5.) The applications for participation in the General Meeting shall be submitted directly to the Company at its headquarters in Biograd na Moru, Tina Ujevića 7 or are to be sent to the Company by registered mail to the address: Ilirija d.d., Tina Ujevića 7, 23210 Biograd na Moru;

  • 6.) Applications for participation at the General Meeting shall be considered timely submitted if they have been submitted or sent by mail to the Company no later than by 24:00 hours on 19th April 2017 according to these Instructions. The shareholders that failed to report their participation at the General Meeting properly in accordance with these Instructions or who failed to attach the relevant documents to the application form according to these Instructions shall not be entitled to participate at the General Meeting.
  • 7.) For underage natural persons and persons without legal capacity or with limited legal capacity the application form is to be submitted by and such a person is represented by a legal representative who has to attach the original or a copy or certified copy of the document to the application form that shows his status of a legal representative.
  • 8.) This decision and draft decisions that are proposed to the General Assembly by the Management Board and the Supervisory Board shall be published in the Official Gazette and on the website of the Court Registry, Zagreb Stock Exchange, HINA (The Croatian News Agency) and Ilirija d.d. and shall be submitted to HANFA (Croatian Financial Services Supervisory Agency).
  • 9.) The shareholders who together hold shares in the amount of the twentieth part of the share capital of the Company may request that an item be placed on the agenda of the General Assembly in a written form. Such a request, together with an explanation and a draft decision must be received by the Company no later than 30 days before the date when the General Meeting is held, or on the closing date 25th March 2017. The failure to observe the deadline results in non-valid disclosure of the proposed agenda items and they cannot be properly decided upon at the General Meeting.
  • 10.) Each shareholder shall by stating his name and surname be authorized to submit his counterproposal supported by an explanation to the draft decision by the Management Board and the Supervisory Board by the agenda items and deliver it to the Company at least 14 days before the General Meeting is held or on the closing date 12th April 2017 to the address of the Company Tina Ujevića 7, 23210 Biograd na Moru. Failing to observe this deadline shall not result in deprivation of the right to submit counterproposals at the General Meeting.
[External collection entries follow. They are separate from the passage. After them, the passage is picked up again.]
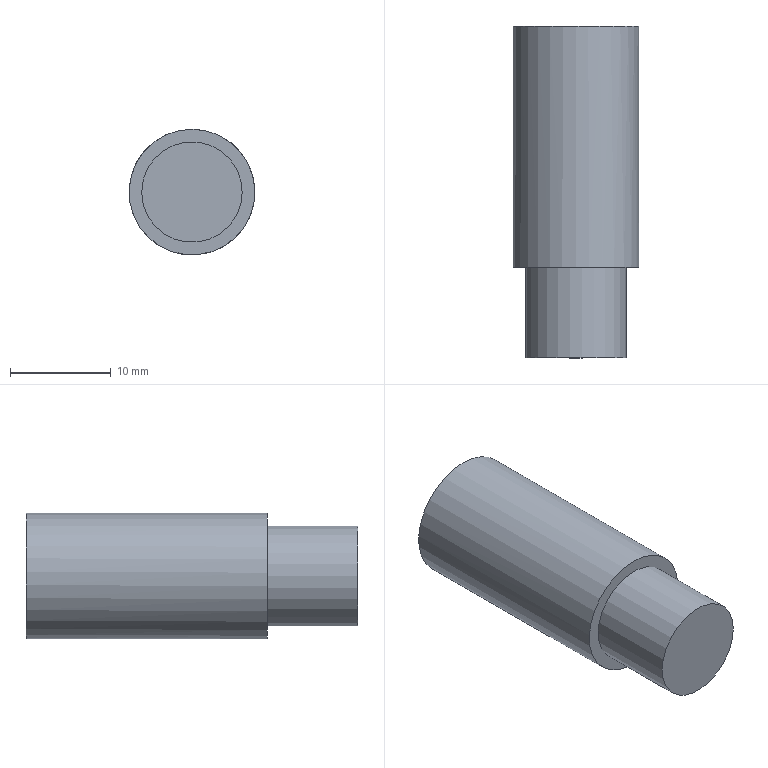Component | NX | SHORT_SHAFT | 1 solid | 5 faces | box 12.5 x 33 x 12.5 mm | volume 3652 mm3 | plane 3 | cylinder 2 | commonest cylinder face diameters 12.5 x1 10 x1
STEP:
#1=CARTESIAN_POINT('',(0.,0.,0.));
#2=DIRECTION('',(0.,0.,1.));
#3=DIRECTION('',(1.,0.,0.));
#4=AXIS2_PLACEMENT_3D('',#1,#2,#3);
#5=CARTESIAN_POINT('',(-126.826,-59.005,96.25));
#6=VERTEX_POINT('',#5);
#7=CARTESIAN_POINT('',(-126.826,-59.005,90.));
#8=DIRECTION('',(0.,1.,0.));
#9=DIRECTION('',(0.,0.,1.));
#10=AXIS2_PLACEMENT_3D('',#7,#8,#9);
#11=CIRCLE('',#10,6.25);
#12=CARTESIAN_POINT('',(-126.826,-68.005,90.));
#13=DIRECTION('',(0.,1.,0.));
#14=DIRECTION('',(0.,0.,1.));
#15=AXIS2_PLACEMENT_3D('',#12,#13,#14);
#16=CYLINDRICAL_SURFACE('',#15,6.25);
#17=CARTESIAN_POINT('',(0.,9.));
#18=DIRECTION('',(1.,0.));
#19=VECTOR('',#18,1.);
#20=LINE('',#17,#19);
#21=(GEOMETRIC_REPRESENTATION_CONTEXT(2)PARAMETRIC_REPRESENTATION_CONTEXT()REPRESENTATION_CONTEXT('',''));
#22=DEFINITIONAL_REPRESENTATION('',(#20),#21);
#23=PCURVE('',#16,#22);
#24=CARTESIAN_POINT('',(-126.826,-59.005,90.));
#25=DIRECTION('',(0.,1.,0.));
#26=DIRECTION('',(0.,0.,1.));
#27=AXIS2_PLACEMENT_3D('',#24,#25,#26);
#28=PLANE('',#27);
#29=CARTESIAN_POINT('',(0.,0.));
#30=DIRECTION('',(1.,0.));
#31=AXIS2_PLACEMENT_2D('',#29,#30);
#32=CIRCLE('',#31,6.25);
#33=(GEOMETRIC_REPRESENTATION_CONTEXT(2)PARAMETRIC_REPRESENTATION_CONTEXT()REPRESENTATION_CONTEXT('',''));
#34=DEFINITIONAL_REPRESENTATION('',(#32),#33);
#35=PCURVE('',#28,#34);
#36=SURFACE_CURVE('',#11,(#23,#35),.PCURVE_S1.);
#37=EDGE_CURVE('',#6,#6,#36,.T.);
#38=ORIENTED_EDGE('',*,*,#37,.T.);
#39=CARTESIAN_POINT('',(-126.826,-35.005,96.25));
#40=VERTEX_POINT('',#39);
#41=CARTESIAN_POINT('',(-126.826,-59.005,96.25));
#42=CARTESIAN_POINT('',(-126.826,-35.005,96.25));
#43=B_SPLINE_CURVE_WITH_KNOTS('',1,(#41,#42),.UNSPECIFIED.,.F.,.F.,(2,2),(9.,33.),.PIECEWISE_BEZIER_KNOTS.);
#44=CARTESIAN_POINT('',(6.283,0.));
#45=DIRECTION('',(0.,1.));
#46=VECTOR('',#45,1.);
#47=LINE('',#44,#46);
#48=(GEOMETRIC_REPRESENTATION_CONTEXT(2)PARAMETRIC_REPRESENTATION_CONTEXT()REPRESENTATION_CONTEXT('',''));
#49=DEFINITIONAL_REPRESENTATION('',(#47),#48);
#50=PCURVE('',#16,#49);
#51=CARTESIAN_POINT('',(0.,0.));
#52=DIRECTION('',(0.,1.));
#53=VECTOR('',#52,1.);
#54=LINE('',#51,#53);
#55=(GEOMETRIC_REPRESENTATION_CONTEXT(2)PARAMETRIC_REPRESENTATION_CONTEXT()REPRESENTATION_CONTEXT('',''));
#56=DEFINITIONAL_REPRESENTATION('',(#54),#55);
#57=PCURVE('',#16,#56);
#58=SEAM_CURVE('',#43,(#50,#57),.PCURVE_S1.);
#59=EDGE_CURVE('',#6,#40,#58,.T.);
#60=ORIENTED_EDGE('',*,*,#59,.T.);
#61=CARTESIAN_POINT('',(-120.576,-35.005,90.));
#62=VERTEX_POINT('',#61);
#63=CARTESIAN_POINT('',(-126.826,-35.005,90.));
#64=DIRECTION('',(0.,-1.,0.));
#65=DIRECTION('',(1.,0.,0.));
#66=AXIS2_PLACEMENT_3D('',#63,#64,#65);
#67=CIRCLE('',#66,6.25);
#68=CARTESIAN_POINT('',(7.854,33.));
#69=DIRECTION('',(-1.,0.));
#70=VECTOR('',#69,1.);
#71=LINE('',#68,#70);
#72=(GEOMETRIC_REPRESENTATION_CONTEXT(2)PARAMETRIC_REPRESENTATION_CONTEXT()REPRESENTATION_CONTEXT('',''));
#73=DEFINITIONAL_REPRESENTATION('',(#71),#72);
#74=PCURVE('',#16,#73);
#75=CARTESIAN_POINT('',(-126.826,-35.005,90.));
#76=DIRECTION('',(0.,-1.,0.));
#77=DIRECTION('',(0.,0.,-1.));
#78=AXIS2_PLACEMENT_3D('',#75,#76,#77);
#79=PLANE('',#78);
#80=CARTESIAN_POINT('',(0.,0.));
#81=DIRECTION('',(0.,1.));
#82=AXIS2_PLACEMENT_2D('',#80,#81);
#83=CIRCLE('',#82,6.25);
#84=(GEOMETRIC_REPRESENTATION_CONTEXT(2)PARAMETRIC_REPRESENTATION_CONTEXT()REPRESENTATION_CONTEXT('',''));
#85=DEFINITIONAL_REPRESENTATION('',(#83),#84);
#86=PCURVE('',#79,#85);
#87=SURFACE_CURVE('',#67,(#74,#86),.PCURVE_S1.);
#88=EDGE_CURVE('',#40,#62,#87,.T.);
#89=ORIENTED_EDGE('',*,*,#88,.T.);
#90=CARTESIAN_POINT('',(-126.826,-35.005,90.));
#91=DIRECTION('',(0.,-1.,0.));
#92=DIRECTION('',(1.,0.,0.));
#93=AXIS2_PLACEMENT_3D('',#90,#91,#92);
#94=CIRCLE('',#93,6.25);
#95=CARTESIAN_POINT('',(1.571,33.));
#96=DIRECTION('',(-1.,0.));
#97=VECTOR('',#96,1.);
#98=LINE('',#95,#97);
#99=(GEOMETRIC_REPRESENTATION_CONTEXT(2)PARAMETRIC_REPRESENTATION_CONTEXT()REPRESENTATION_CONTEXT('',''));
#100=DEFINITIONAL_REPRESENTATION('',(#98),#99);
#101=PCURVE('',#16,#100);
#102=CARTESIAN_POINT('',(0.,0.));
#103=DIRECTION('',(0.,1.));
#104=AXIS2_PLACEMENT_2D('',#102,#103);
#105=CIRCLE('',#104,6.25);
#106=(GEOMETRIC_REPRESENTATION_CONTEXT(2)PARAMETRIC_REPRESENTATION_CONTEXT()REPRESENTATION_CONTEXT('',''));
#107=DEFINITIONAL_REPRESENTATION('',(#105),#106);
#108=PCURVE('',#79,#107);
#109=SURFACE_CURVE('',#94,(#101,#108),.PCURVE_S1.);
#110=EDGE_CURVE('',#62,#40,#109,.T.);
#111=ORIENTED_EDGE('',*,*,#110,.T.);
#112=ORIENTED_EDGE('',*,*,#59,.F.);
#113=EDGE_LOOP('',(#38,#60,#89,#111,#112));
#114=FACE_BOUND('',#113,.T.);
#115=ADVANCED_FACE('',(#114),#16,.T.);
#116=ORIENTED_EDGE('',*,*,#110,.F.);
#117=ORIENTED_EDGE('',*,*,#88,.F.);
#118=EDGE_LOOP('',(#116,#117));
#119=FACE_BOUND('',#118,.T.);
#120=ADVANCED_FACE('',(#119),#79,.F.);
#121=CARTESIAN_POINT('',(-121.826,-59.005,90.));
#122=VERTEX_POINT('',#121);
#123=CARTESIAN_POINT('',(-126.826,-59.005,90.));
#124=DIRECTION('',(0.,-1.,0.));
#125=DIRECTION('',(1.,0.,0.));
#126=AXIS2_PLACEMENT_3D('',#123,#124,#125);
#127=CIRCLE('',#126,5.);
#128=CARTESIAN_POINT('',(0.,5.));
#129=CARTESIAN_POINT('',(8.66,5.));
#130=CARTESIAN_POINT('',(4.33,-2.5));
#131=CARTESIAN_POINT('',(0.,-10.));
#132=CARTESIAN_POINT('',(-4.33,-2.5));
#133=CARTESIAN_POINT('',(-8.66,5.));
#134=CARTESIAN_POINT('',(0.,5.));
#135=(BOUNDED_CURVE()B_SPLINE_CURVE(2,(#128,#129,#130,#131,#132,#133,#134),.UNSPECIFIED.,.T.,.F.)B_SPLINE_CURVE_WITH_KNOTS((1,2,2,2,2,1),(-2.094,0.,2.094,4.189,6.283,8.378),.UNSPECIFIED.)CURVE()GEOMETRIC_REPRESENTATION_ITEM()RATIONAL_B_SPLINE_CURVE((1.,0.5,1.,0.5,1.,0.5,1.))REPRESENTATION_ITEM(''));
#136=(GEOMETRIC_REPRESENTATION_CONTEXT(2)PARAMETRIC_REPRESENTATION_CONTEXT()REPRESENTATION_CONTEXT('',''));
#137=DEFINITIONAL_REPRESENTATION('',(#135),#136);
#138=PCURVE('',#28,#137);
#139=CARTESIAN_POINT('',(-126.826,-68.005,90.));
#140=DIRECTION('',(0.,1.,0.));
#141=DIRECTION('',(1.,0.,0.));
#142=AXIS2_PLACEMENT_3D('',#139,#140,#141);
#143=CYLINDRICAL_SURFACE('',#142,5.);
#144=CARTESIAN_POINT('',(6.283,9.));
#145=DIRECTION('',(-1.,0.));
#146=VECTOR('',#145,1.);
#147=LINE('',#144,#146);
#148=(GEOMETRIC_REPRESENTATION_CONTEXT(2)PARAMETRIC_REPRESENTATION_CONTEXT()REPRESENTATION_CONTEXT('',''));
#149=DEFINITIONAL_REPRESENTATION('',(#147),#148);
#150=PCURVE('',#143,#149);
#151=SURFACE_CURVE('',#127,(#138,#150),.PCURVE_S1.);
#152=EDGE_CURVE('',#122,#122,#151,.T.);
#153=ORIENTED_EDGE('',*,*,#152,.F.);
#154=EDGE_LOOP('',(#153));
#155=FACE_BOUND('',#154,.T.);
#156=ORIENTED_EDGE('',*,*,#37,.F.);
#157=EDGE_LOOP('',(#156));
#158=FACE_BOUND('',#157,.T.);
#159=ADVANCED_FACE('',(#155,#158),#28,.F.);
#160=CARTESIAN_POINT('',(-121.826,-68.005,90.));
#161=VERTEX_POINT('',#160);
#162=CARTESIAN_POINT('',(-126.826,-68.005,90.));
#163=DIRECTION('',(0.,1.,0.));
#164=DIRECTION('',(1.,0.,0.));
#165=AXIS2_PLACEMENT_3D('',#162,#163,#164);
#166=CIRCLE('',#165,5.);
#167=CARTESIAN_POINT('',(-126.826,-68.005,90.));
#168=DIRECTION('',(0.,-1.,0.));
#169=DIRECTION('',(0.,0.,-1.));
#170=AXIS2_PLACEMENT_3D('',#167,#168,#169);
#171=PLANE('',#170);
#172=CARTESIAN_POINT('',(0.,5.));
#173=CARTESIAN_POINT('',(8.66,5.));
#174=CARTESIAN_POINT('',(4.33,-2.5));
#175=CARTESIAN_POINT('',(0.,-10.));
#176=CARTESIAN_POINT('',(-4.33,-2.5));
#177=CARTESIAN_POINT('',(-8.66,5.));
#178=CARTESIAN_POINT('',(0.,5.));
#179=(BOUNDED_CURVE()B_SPLINE_CURVE(2,(#172,#173,#174,#175,#176,#177,#178),.UNSPECIFIED.,.T.,.F.)B_SPLINE_CURVE_WITH_KNOTS((1,2,2,2,2,1),(-2.094,0.,2.094,4.189,6.283,8.378),.UNSPECIFIED.)CURVE()GEOMETRIC_REPRESENTATION_ITEM()RATIONAL_B_SPLINE_CURVE((1.,0.5,1.,0.5,1.,0.5,1.))REPRESENTATION_ITEM(''));
#180=(GEOMETRIC_REPRESENTATION_CONTEXT(2)PARAMETRIC_REPRESENTATION_CONTEXT()REPRESENTATION_CONTEXT('',''));
#181=DEFINITIONAL_REPRESENTATION('',(#179),#180);
#182=PCURVE('',#171,#181);
#183=CARTESIAN_POINT('',(0.,0.));
#184=DIRECTION('',(1.,0.));
#185=VECTOR('',#184,1.);
#186=LINE('',#183,#185);
#187=(GEOMETRIC_REPRESENTATION_CONTEXT(2)PARAMETRIC_REPRESENTATION_CONTEXT()REPRESENTATION_CONTEXT('',''));
#188=DEFINITIONAL_REPRESENTATION('',(#186),#187);
#189=PCURVE('',#143,#188);
#190=SURFACE_CURVE('',#166,(#182,#189),.PCURVE_S1.);
#191=EDGE_CURVE('',#161,#161,#190,.T.);
#192=ORIENTED_EDGE('',*,*,#191,.F.);
#193=EDGE_LOOP('',(#192));
#194=FACE_BOUND('',#193,.T.);
#195=ADVANCED_FACE('',(#194),#171,.T.);
#196=ORIENTED_EDGE('',*,*,#152,.T.);
#197=CARTESIAN_POINT('',(-121.826,-68.005,90.));
#198=CARTESIAN_POINT('',(-121.826,-59.005,90.));
#199=B_SPLINE_CURVE_WITH_KNOTS('',1,(#197,#198),.UNSPECIFIED.,.F.,.F.,(2,2),(0.,9.),.PIECEWISE_BEZIER_KNOTS.);
#200=CARTESIAN_POINT('',(0.,0.));
#201=DIRECTION('',(0.,1.));
#202=VECTOR('',#201,1.);
#203=LINE('',#200,#202);
#204=(GEOMETRIC_REPRESENTATION_CONTEXT(2)PARAMETRIC_REPRESENTATION_CONTEXT()REPRESENTATION_CONTEXT('',''));
#205=DEFINITIONAL_REPRESENTATION('',(#203),#204);
#206=PCURVE('',#143,#205);
#207=CARTESIAN_POINT('',(6.283,0.));
#208=DIRECTION('',(0.,1.));
#209=VECTOR('',#208,1.);
#210=LINE('',#207,#209);
#211=(GEOMETRIC_REPRESENTATION_CONTEXT(2)PARAMETRIC_REPRESENTATION_CONTEXT()REPRESENTATION_CONTEXT('',''));
#212=DEFINITIONAL_REPRESENTATION('',(#210),#211);
#213=PCURVE('',#143,#212);
#214=SEAM_CURVE('',#199,(#206,#213),.PCURVE_S1.);
#215=EDGE_CURVE('',#161,#122,#214,.T.);
#216=ORIENTED_EDGE('',*,*,#215,.F.);
#217=ORIENTED_EDGE('',*,*,#191,.T.);
#218=ORIENTED_EDGE('',*,*,#215,.T.);
#219=EDGE_LOOP('',(#196,#216,#217,#218));
#220=FACE_BOUND('',#219,.T.);
#221=ADVANCED_FACE('',(#220),#143,.T.);
#222=CLOSED_SHELL('',(#115,#120,#159,#195,#221));
#223=MANIFOLD_SOLID_BREP('',#222);
#224=(LENGTH_UNIT()NAMED_UNIT(*)SI_UNIT(.MILLI.,.METRE.));
#225=UNCERTAINTY_MEASURE_WITH_UNIT(LENGTH_MEASURE(0.000005),#224,'','');
#226=(NAMED_UNIT(*)PLANE_ANGLE_UNIT()SI_UNIT($,.RADIAN.));
#227=(NAMED_UNIT(*)SI_UNIT($,.STERADIAN.)SOLID_ANGLE_UNIT());
#228=(GEOMETRIC_REPRESENTATION_CONTEXT(3)GLOBAL_UNCERTAINTY_ASSIGNED_CONTEXT((#225))GLOBAL_UNIT_ASSIGNED_CONTEXT((#224,#226,#227))REPRESENTATION_CONTEXT('',''));
#229=ADVANCED_BREP_SHAPE_REPRESENTATION('',(#4,#223),#228);

  • 11.) The Management Board shall at the General Meeting give every shareholder at his request, information about the affairs of the Company, if it is necessary to make judgment of the issues on the agenda.
  • 12.) All materials relating to the agenda of the General Assembly will be available to the shareholders at the Company's headquarters every working day from 11.00 to 12.00 hours from the day of publication of this Decision in the Official Gazette.
  • 13.) Participants are invited to come to the Management Board's Office of the Company one hour before the scheduled start of the General Meeting, in order to make the registration of the participants and deliver materials for participation in the work of the General Meeting. Voting is done electronically at the General Meeting.
  • 14.) If no quorum as specified in Article 8 of the Articles of Association is reached at the General Meeting convened on 26th April 2017, the next General Meeting will again be held on the same day at 17.00 hours at the same place and with the same agenda.

The public is excluded from the work of the General Meeting.